Probably no one reading this column today would condone or accept such rhetoric, unless they were themselves avowed revolutionaries. But make no mistake about it, that rhetoric was standard fare on the campuses of the 1960s. For at least a decade, it was common college wisdom that America was evil and that you couldn’t “trust anyone over 30.”

Well, a lot of those folks over 30 were what we today call “the greatest generation,” the American men and women who sacrificed life, limb and our national treasure in order to preserve liberty for their children. It would no doubt take a major psychological study in order to ascertain what factors came into play in the post-war years to explain how the “greatest generation” allowed their children to rip apart everything they themselves had worked so hard to secure.

But for now we can simply surmise that the generation which had given up so much in order to ensure that their children would enjoy liberty’s bounty was also somehow psychologically circumscribed from imposing ANY significant restrictions on that precious liberty, and thus created a generation characterized by an overwhelming sense of entitlement, narcissism, and ultimately ingratitude. For lack of a better name, call it the Bill Ayers Generation.

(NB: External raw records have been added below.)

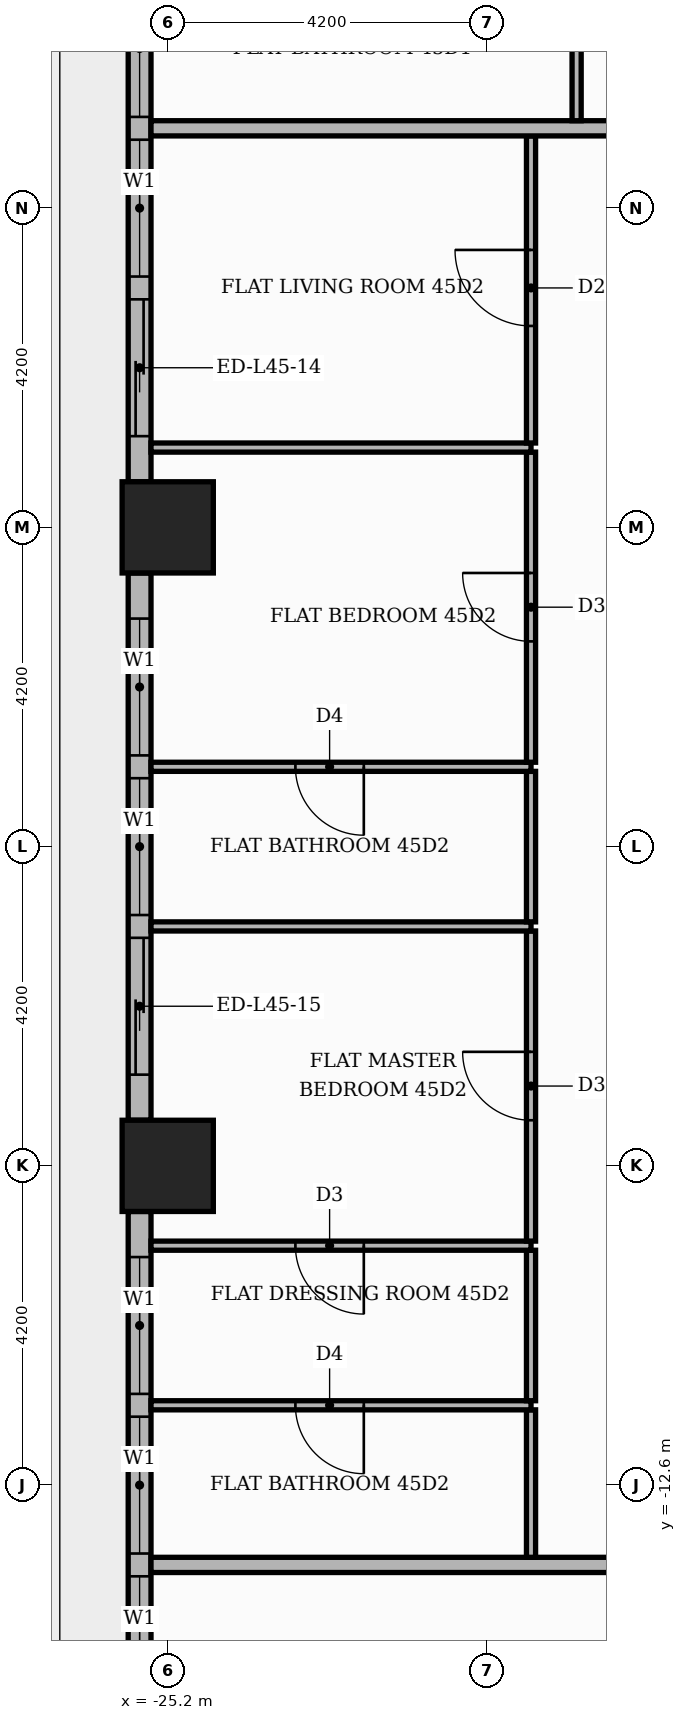
"""IFC4 building model, lengths in metres.
Left out: names, types, materials, properties, quantities, classifications, styles, units other than length and angle.
Written with IfcOpenShell. Run it as: python <this file> out.ifc"""

import sys

from ifc_helpers import new_model, si_unit, direction, frame, frame_2d, origin, origin_2d, place, context, subcontext, project, spatial, rectangle, extrude, element, fill, save


model = new_model("IFC4")
c1 = context("Model", 3, precision=1e-05, world=origin(), true_north=direction((0.0, 1.0)))
c2 = subcontext(c1, "Body", "Model", "MODEL_VIEW")
j1 = project(units=[si_unit("LENGTHUNIT", "METRE"), si_unit("PLANEANGLEUNIT", "RADIAN")], contexts=[c1])
p1 = place(None, origin())
s1 = spatial("IfcSite", under=j1, at=p1, CompositionType="ELEMENT")
p2 = place(p1, origin())
s2 = spatial("IfcBuilding", under=s1, at=p2, CompositionType="ELEMENT")
p3 = place(p2, frame((0.0, 0.0, 192.3)))
s3 = spatial("IfcBuildingStorey", under=s2, at=p3, CompositionType="ELEMENT", Elevation=192.3)
for number, where, z_axis, x_axis in (
    (1, (-25.2, 0.0, 0.0), (0.0, 0.0, 1.0), (1.0, 0.0, 0.0)),
    (2, (-25.2, -8.4, 0.0), (0.0, 0.0, 1.0), (1.0, 0.0, 0.0)),
):
    element("IfcColumn", number, at=place(p3, frame(where, z_axis=z_axis, x_axis=x_axis)), inside=s3, PredefinedType="COLUMN", context=c2, shape_type="SweptSolid", body=[
        extrude(rectangle(XDim=1.2, YDim=1.2, at=origin_2d()), origin(), (0.0, 0.0, 1.0), 3.9),
    ])
p4 = place(p3, frame((-25.57, 7.8, 0.0), z_axis=(0.0, 0.0, 1.0), x_axis=(0.0, -1.0, 0.0)))
e3 = element("IfcWall", 3, at=p4, inside=s3, PredefinedType="STANDARD", context=c2, shape_type="SweptSolid", body=[
    extrude(rectangle(XDim=7.2, YDim=0.3, at=frame_2d((3.6, 0.0))), origin(), (0.0, 0.0, 1.0), 3.48),
])
p5 = place(p4, frame((0.6, 0.0, 0.9)))
e4 = element("IfcOpeningElement", 4, at=p5, cuts=e3, PredefinedType="OPENING", context=c2, shape_type="SweptSolid", body=[
    extrude(rectangle(XDim=1.8, YDim=2.1, at=frame_2d((0.9, 1.05))), frame((0.0, 0.16, 0.0), z_axis=(0.0, -1.0, 0.0), x_axis=(1.0, 0.0, 0.0)), (0.0, 0.0, 1.0), 0.32),
])
p6 = place(p4, frame((2.7, 0.0, 0.9)))
e5 = element("IfcOpeningElement", 5, at=p6, cuts=e3, PredefinedType="OPENING", context=c2, shape_type="SweptSolid", body=[
    extrude(rectangle(XDim=1.8, YDim=2.1, at=frame_2d((0.9, 1.05))), frame((0.0, 0.16, 0.0), z_axis=(0.0, -1.0, 0.0), x_axis=(1.0, 0.0, 0.0)), (0.0, 0.0, 1.0), 0.32),
])
p7 = place(p4, frame((4.8, 0.0, 0.0)))
e6 = element("IfcOpeningElement", 6, at=p7, cuts=e3, PredefinedType="OPENING", context=c2, shape_type="SweptSolid", body=[
    extrude(rectangle(XDim=1.8, YDim=2.4, at=frame_2d((0.9, 1.2))), frame((0.0, 0.16, 0.0), z_axis=(0.0, -1.0, 0.0), x_axis=(1.0, 0.0, 0.0)), (0.0, 0.0, 1.0), 0.32),
])
p8 = place(p3, frame((-25.57, -0.6, 0.0), z_axis=(0.0, 0.0, 1.0), x_axis=(0.0, -1.0, 0.0)))
e7 = element("IfcWall", 7, at=p8, inside=s3, PredefinedType="STANDARD", context=c2, shape_type="SweptSolid", body=[
    extrude(rectangle(XDim=7.2, YDim=0.3, at=frame_2d((3.6, 0.0))), origin(), (0.0, 0.0, 1.0), 3.48),
])
p9 = place(p8, frame((0.6, 0.0, 0.9)))
e8 = element("IfcOpeningElement", 8, at=p9, cuts=e7, PredefinedType="OPENING", context=c2, shape_type="SweptSolid", body=[
    extrude(rectangle(XDim=1.8, YDim=2.1, at=frame_2d((0.9, 1.05))), frame((0.0, 0.16, 0.0), z_axis=(0.0, -1.0, 0.0), x_axis=(1.0, 0.0, 0.0)), (0.0, 0.0, 1.0), 0.32),
])
p10 = place(p8, frame((2.7, 0.0, 0.9)))
e9 = element("IfcOpeningElement", 9, at=p10, cuts=e7, PredefinedType="OPENING", context=c2, shape_type="SweptSolid", body=[
    extrude(rectangle(XDim=1.8, YDim=2.1, at=frame_2d((0.9, 1.05))), frame((0.0, 0.16, 0.0), z_axis=(0.0, -1.0, 0.0), x_axis=(1.0, 0.0, 0.0)), (0.0, 0.0, 1.0), 0.32),
])
p11 = place(p8, frame((4.8, 0.0, 0.0)))
e10 = element("IfcOpeningElement", 10, at=p11, cuts=e7, PredefinedType="OPENING", context=c2, shape_type="SweptSolid", body=[
    extrude(rectangle(XDim=1.8, YDim=2.4, at=frame_2d((0.9, 1.2))), frame((0.0, 0.16, 0.0), z_axis=(0.0, -1.0, 0.0), x_axis=(1.0, 0.0, 0.0)), (0.0, 0.0, 1.0), 0.32),
])
p12 = place(p3, frame((-25.57, -9.0, 0.0), z_axis=(0.0, 0.0, 1.0), x_axis=(0.0, -1.0, 0.0)))
e11 = element("IfcWall", 11, at=p12, inside=s3, PredefinedType="STANDARD", context=c2, shape_type="SweptSolid", body=[
    extrude(rectangle(XDim=7.2, YDim=0.3, at=frame_2d((3.6, 0.0))), origin(), (0.0, 0.0, 1.0), 3.48),
])
p13 = place(p12, frame((0.6, 0.0, 0.9)))
e12 = element("IfcOpeningElement", 12, at=p13, cuts=e11, PredefinedType="OPENING", context=c2, shape_type="SweptSolid", body=[
    extrude(rectangle(XDim=1.8, YDim=2.1, at=frame_2d((0.9, 1.05))), frame((0.0, 0.16, 0.0), z_axis=(0.0, -1.0, 0.0), x_axis=(1.0, 0.0, 0.0)), (0.0, 0.0, 1.0), 0.32),
])
p14 = place(p12, frame((2.7, 0.0, 0.9)))
e13 = element("IfcOpeningElement", 13, at=p14, cuts=e11, PredefinedType="OPENING", context=c2, shape_type="SweptSolid", body=[
    extrude(rectangle(XDim=1.8, YDim=2.1, at=frame_2d((0.9, 1.05))), frame((0.0, 0.16, 0.0), z_axis=(0.0, -1.0, 0.0), x_axis=(1.0, 0.0, 0.0)), (0.0, 0.0, 1.0), 0.32),
])
p15 = place(p12, frame((4.8, 0.0, 0.9)))
e14 = element("IfcOpeningElement", 14, at=p15, cuts=e11, PredefinedType="OPENING", context=c2, shape_type="SweptSolid", body=[
    extrude(rectangle(XDim=1.8, YDim=2.1, at=frame_2d((0.9, 1.05))), frame((0.0, 0.16, 0.0), z_axis=(0.0, -1.0, 0.0), x_axis=(1.0, 0.0, 0.0)), (0.0, 0.0, 1.0), 0.32),
])
p16 = place(p3, frame((-25.42, -13.65, 0.0), z_axis=(0.0, 0.0, 1.0), x_axis=(1.0, 0.0, 0.0)))
e15 = element("IfcWall", 15, at=p16, inside=s3, PredefinedType="PARTITIONING", context=c2, shape_type="SweptSolid", body=[
    extrude(rectangle(XDim=39.07, YDim=0.2, at=frame_2d((19.535, 0.0))), origin(), (0.0, 0.0, 1.0), 3.48),
])
p17 = place(p16, frame((13.32, 0.0, 0.0)))
e16 = element("IfcOpeningElement", 16, at=p17, cuts=e15, PredefinedType="OPENING", context=c2, shape_type="SweptSolid", body=[
    extrude(rectangle(XDim=1.1, YDim=2.4, at=frame_2d((0.55, 1.2))), frame((0.0, 0.11, 0.0), z_axis=(0.0, -1.0, 0.0), x_axis=(1.0, 0.0, 0.0)), (0.0, 0.0, 1.0), 0.22),
])
p18 = place(p16, frame((25.92, 0.0, 0.0)))
e17 = element("IfcOpeningElement", 17, at=p18, cuts=e15, PredefinedType="OPENING", context=c2, shape_type="SweptSolid", body=[
    extrude(rectangle(XDim=1.1, YDim=2.4, at=frame_2d((0.55, 1.2))), frame((0.0, 0.11, 0.0), z_axis=(0.0, -1.0, 0.0), x_axis=(1.0, 0.0, 0.0)), (0.0, 0.0, 1.0), 0.22),
])
p19 = place(p3, frame((-20.42, -13.55, 0.0), z_axis=(0.0, 0.0, 1.0), x_axis=(0.0, 1.0, 0.0)))
e18 = element("IfcWall", 18, at=p19, inside=s3, PredefinedType="PARTITIONING", context=c2, shape_type="SweptSolid", body=[
    extrude(rectangle(XDim=1.94, YDim=0.12, at=frame_2d((0.97, 0.0))), origin(), (0.0, 0.0, 1.0), 3.48),
])
p20 = place(p3, frame((-25.42, -11.55, 0.0), z_axis=(0.0, 0.0, 1.0), x_axis=(1.0, 0.0, 0.0)))
e19 = element("IfcWall", 19, at=p20, inside=s3, PredefinedType="PARTITIONING", context=c2, shape_type="SweptSolid", body=[
    extrude(rectangle(XDim=5.0, YDim=0.12, at=frame_2d((2.5, 0.0))), origin(), (0.0, 0.0, 1.0), 3.48),
])
p21 = place(p20, frame((1.9, 0.0, 0.0)))
e20 = element("IfcOpeningElement", 20, at=p21, cuts=e19, PredefinedType="OPENING", context=c2, shape_type="SweptSolid", body=[
    extrude(rectangle(XDim=0.9, YDim=2.1, at=frame_2d((0.45, 1.05))), frame((0.0, 0.07, 0.0), z_axis=(0.0, -1.0, 0.0), x_axis=(1.0, 0.0, 0.0)), (0.0, 0.0, 1.0), 0.14),
])
p22 = place(p3, frame((-20.42, -11.49, 0.0), z_axis=(0.0, 0.0, 1.0), x_axis=(0.0, 1.0, 0.0)))
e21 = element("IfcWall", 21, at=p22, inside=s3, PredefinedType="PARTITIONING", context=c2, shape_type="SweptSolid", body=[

The “older generation” no doubt didn’t understand the Bill Ayers Generation, and that probably went for Ayers’ own father, too. Thomas G. Ayers was president and later chairman and CEO of Commonwealth Edison. In other words, he was a major industrialist, and part of the system of capital and wealth creation that his son and the Weather Underground sought to topple. Again, the psychological implications are enormous, and the story of the Ayers family was no doubt duplicated in millions of other Baby Boomer families across the nation.

By letting their children do whatever they wanted instead of grounding them in the same wholesome principles with which they themselves had been raised, the “greatest generation” was engendering a generation of experimentation, rebellion and decay. The children and grandchildren of that generation are the ones left holding the bag these 50 years later, and the bag is empty rhetoric. “Hope and change” has replaced “blood, sweat and tears.”

Of course, the people who have been selling hope and change for the past 50 years, in one form or another, are hopeful that you will not notice the gap between reality and rhetoric.

They are also no doubt hopeful you will not follow the trail of evidence that links progressive education, revolutionary politics and the decline of America, but it’s all laid out in plain sight — often in the words of Bill Ayers himself.

Ayers was a key author of “Prairie Fire: The Politics of Revolutionary Imperialism,” which was distributed while he was a fugitive from federal charges in 1974.

There is much to learn in this book, which candidly describes the plan for revolution in America, but let’s just close with what the book tells us about education, the field which Ayers entered in 1966 and in which he later became a distinguished professor with a wide influence on contemporary pedagogic thinking.

Here, in a discussion of “busing” students to achieve racial “equality,” Ayers and his co-authors give away the game:

“The real question is: Who will control the schools? The design of the state is control of the child’s education, whether in the integrated or segregated school.”

That was the real question, and it still is: “Who will control the schools?”

Bill Ayers tried and failed at violent revolution, but he never lost sight of his goal — he just changed tactics. In an assessment of the Cuban Revolution in “Prairie Fire,” the authors noted that, “The revolution has launched an offensive to transform education and culture into powerful revolutionary tools.”

In future columns, we will explore just how Ayers and his colleagues launched an offensive in the 1960s and beyond to “transform education and culture into powerful revolutionary tools” right here in America, and how they succeeded.